Help us update the GCC D compiler frontend to the latest DMD.
D's whole premise of "being a better C++" has always made them look like argumentative jerks. Why build a language on top of a controversy? Their main argument from early 2000s: C++ requires a stdlib and compiler toolchain is not required to provide one. Wtf D? I mean I understand that C++ provides a lot of abstractions on top of C to call itself "more" than C, but what does D provide other than a few conveniences? If you even consider garbage collection or better looking syntax or more consistent, less orthogonal sytax a convenience. It didn't even have most of it's current features when it was first out back in early 2000s.

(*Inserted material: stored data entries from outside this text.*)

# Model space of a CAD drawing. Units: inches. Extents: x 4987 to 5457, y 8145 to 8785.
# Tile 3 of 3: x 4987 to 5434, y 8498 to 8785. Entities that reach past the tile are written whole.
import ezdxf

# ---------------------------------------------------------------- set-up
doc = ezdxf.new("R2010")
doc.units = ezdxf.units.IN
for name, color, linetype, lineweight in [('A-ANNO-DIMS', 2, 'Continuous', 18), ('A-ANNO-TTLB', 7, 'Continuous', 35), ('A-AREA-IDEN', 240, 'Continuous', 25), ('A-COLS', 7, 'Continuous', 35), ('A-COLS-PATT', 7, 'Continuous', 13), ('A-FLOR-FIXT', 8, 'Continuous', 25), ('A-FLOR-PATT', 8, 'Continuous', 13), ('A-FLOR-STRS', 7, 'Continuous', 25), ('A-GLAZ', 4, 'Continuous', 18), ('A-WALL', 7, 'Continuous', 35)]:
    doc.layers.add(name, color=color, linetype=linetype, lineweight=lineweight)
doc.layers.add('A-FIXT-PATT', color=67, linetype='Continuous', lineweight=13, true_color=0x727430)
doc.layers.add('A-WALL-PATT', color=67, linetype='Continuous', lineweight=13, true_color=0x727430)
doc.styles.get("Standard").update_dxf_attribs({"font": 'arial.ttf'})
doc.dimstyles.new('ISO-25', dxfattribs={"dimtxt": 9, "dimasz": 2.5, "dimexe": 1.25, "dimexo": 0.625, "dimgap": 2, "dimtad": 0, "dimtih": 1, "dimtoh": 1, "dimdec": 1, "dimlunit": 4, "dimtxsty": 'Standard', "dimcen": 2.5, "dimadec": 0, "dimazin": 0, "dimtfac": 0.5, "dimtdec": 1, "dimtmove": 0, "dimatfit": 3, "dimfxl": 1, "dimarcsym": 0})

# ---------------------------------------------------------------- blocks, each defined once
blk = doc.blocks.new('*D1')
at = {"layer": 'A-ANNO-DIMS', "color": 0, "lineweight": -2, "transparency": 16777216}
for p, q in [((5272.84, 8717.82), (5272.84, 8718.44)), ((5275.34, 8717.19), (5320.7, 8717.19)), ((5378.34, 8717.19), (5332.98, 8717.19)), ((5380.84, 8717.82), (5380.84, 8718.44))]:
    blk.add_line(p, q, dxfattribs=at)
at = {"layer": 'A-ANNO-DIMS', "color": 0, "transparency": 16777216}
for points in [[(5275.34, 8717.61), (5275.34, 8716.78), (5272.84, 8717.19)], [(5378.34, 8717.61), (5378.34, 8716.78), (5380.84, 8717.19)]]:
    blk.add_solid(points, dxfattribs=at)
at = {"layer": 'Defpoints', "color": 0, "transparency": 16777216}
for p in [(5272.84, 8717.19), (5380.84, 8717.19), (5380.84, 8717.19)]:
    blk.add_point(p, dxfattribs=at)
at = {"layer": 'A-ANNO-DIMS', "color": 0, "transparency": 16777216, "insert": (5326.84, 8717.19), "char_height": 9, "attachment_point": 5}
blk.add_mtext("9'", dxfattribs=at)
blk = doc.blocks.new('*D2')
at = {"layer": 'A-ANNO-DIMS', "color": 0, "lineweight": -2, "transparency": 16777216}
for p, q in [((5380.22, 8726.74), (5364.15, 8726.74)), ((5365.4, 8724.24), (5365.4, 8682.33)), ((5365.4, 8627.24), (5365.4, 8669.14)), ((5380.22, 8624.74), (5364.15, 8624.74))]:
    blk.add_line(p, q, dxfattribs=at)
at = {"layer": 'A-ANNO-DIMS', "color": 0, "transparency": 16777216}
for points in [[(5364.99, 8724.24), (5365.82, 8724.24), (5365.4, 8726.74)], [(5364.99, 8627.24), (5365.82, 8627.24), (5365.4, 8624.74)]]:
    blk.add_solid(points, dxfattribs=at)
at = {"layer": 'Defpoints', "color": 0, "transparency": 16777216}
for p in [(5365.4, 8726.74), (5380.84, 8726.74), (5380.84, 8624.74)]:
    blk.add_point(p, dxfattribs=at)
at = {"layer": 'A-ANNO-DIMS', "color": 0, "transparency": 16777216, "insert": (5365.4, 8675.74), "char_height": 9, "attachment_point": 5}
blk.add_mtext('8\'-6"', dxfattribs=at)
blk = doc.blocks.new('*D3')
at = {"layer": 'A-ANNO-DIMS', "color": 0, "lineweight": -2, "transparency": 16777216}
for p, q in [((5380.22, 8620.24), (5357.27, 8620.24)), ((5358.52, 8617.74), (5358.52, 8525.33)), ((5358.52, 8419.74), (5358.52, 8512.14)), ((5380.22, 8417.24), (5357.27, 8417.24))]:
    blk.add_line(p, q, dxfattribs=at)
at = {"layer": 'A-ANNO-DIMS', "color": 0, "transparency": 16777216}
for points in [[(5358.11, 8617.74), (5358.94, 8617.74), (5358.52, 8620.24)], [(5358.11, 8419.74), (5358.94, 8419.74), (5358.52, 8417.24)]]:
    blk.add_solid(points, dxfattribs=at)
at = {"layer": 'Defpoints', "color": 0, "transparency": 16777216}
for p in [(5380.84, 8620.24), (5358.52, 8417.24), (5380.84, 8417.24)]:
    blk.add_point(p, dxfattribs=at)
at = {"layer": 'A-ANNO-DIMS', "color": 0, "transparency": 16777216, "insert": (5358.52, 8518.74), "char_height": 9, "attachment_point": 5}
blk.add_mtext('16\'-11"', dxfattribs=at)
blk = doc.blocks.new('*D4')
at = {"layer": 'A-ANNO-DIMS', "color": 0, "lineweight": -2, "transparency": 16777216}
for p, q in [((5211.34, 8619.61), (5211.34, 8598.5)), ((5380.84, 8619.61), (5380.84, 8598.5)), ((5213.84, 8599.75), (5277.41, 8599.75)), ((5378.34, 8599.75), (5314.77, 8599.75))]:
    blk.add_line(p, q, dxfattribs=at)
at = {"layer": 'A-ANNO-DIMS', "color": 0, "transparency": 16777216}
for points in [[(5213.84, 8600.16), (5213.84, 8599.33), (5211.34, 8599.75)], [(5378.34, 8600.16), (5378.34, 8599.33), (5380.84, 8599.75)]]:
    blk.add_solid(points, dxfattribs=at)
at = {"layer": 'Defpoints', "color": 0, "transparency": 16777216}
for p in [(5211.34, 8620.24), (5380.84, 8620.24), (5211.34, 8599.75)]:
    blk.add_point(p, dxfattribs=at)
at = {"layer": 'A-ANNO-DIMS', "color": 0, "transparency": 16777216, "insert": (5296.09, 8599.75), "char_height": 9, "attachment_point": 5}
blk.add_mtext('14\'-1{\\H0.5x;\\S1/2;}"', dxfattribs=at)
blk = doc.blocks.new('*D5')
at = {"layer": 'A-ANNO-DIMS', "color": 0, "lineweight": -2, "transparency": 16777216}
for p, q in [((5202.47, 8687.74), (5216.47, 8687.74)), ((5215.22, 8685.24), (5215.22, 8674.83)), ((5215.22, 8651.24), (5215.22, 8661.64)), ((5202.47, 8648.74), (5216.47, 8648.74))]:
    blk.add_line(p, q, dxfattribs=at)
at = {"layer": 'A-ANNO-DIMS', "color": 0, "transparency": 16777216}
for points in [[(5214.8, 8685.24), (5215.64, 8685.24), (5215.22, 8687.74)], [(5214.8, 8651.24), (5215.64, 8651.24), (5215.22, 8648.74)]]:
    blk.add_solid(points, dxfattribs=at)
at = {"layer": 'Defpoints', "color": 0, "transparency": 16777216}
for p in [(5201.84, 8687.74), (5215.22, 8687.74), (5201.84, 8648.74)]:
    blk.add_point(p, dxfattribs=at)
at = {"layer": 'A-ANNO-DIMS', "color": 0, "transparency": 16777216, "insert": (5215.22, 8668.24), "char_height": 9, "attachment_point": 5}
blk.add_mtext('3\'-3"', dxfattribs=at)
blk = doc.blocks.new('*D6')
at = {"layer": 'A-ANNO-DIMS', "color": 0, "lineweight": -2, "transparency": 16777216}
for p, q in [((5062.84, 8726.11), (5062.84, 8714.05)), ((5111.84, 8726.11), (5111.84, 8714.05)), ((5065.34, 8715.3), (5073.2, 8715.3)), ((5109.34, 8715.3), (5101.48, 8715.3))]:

Trying to gain adoption through creating some sort of counterculture what are they? 14?. /oneparagraphrant
It is probably the case that D has a brilliant engineer team who doesn't really focus on the PR side of things. D definitely provides value over C/C++ other than a few sugars for the syntax. It is just not communicated that well.
> Compare this to downloading Clang, which has 380 MiB Linux-distribution-specific tarballs. Zig's Linux tarballs are fully statically linked, and therefore work correctly on all Linux distributions. The size difference here comes because the Clang tarball ships with more utilities than a C compiler, as well as pre-compiled static libraries for both LLVM and Clang. Zig does not ship with any pre-compiled libraries; instead it ships with source code, and builds what it needs on-the-fly.
Hot damn! You had me at Hello, World!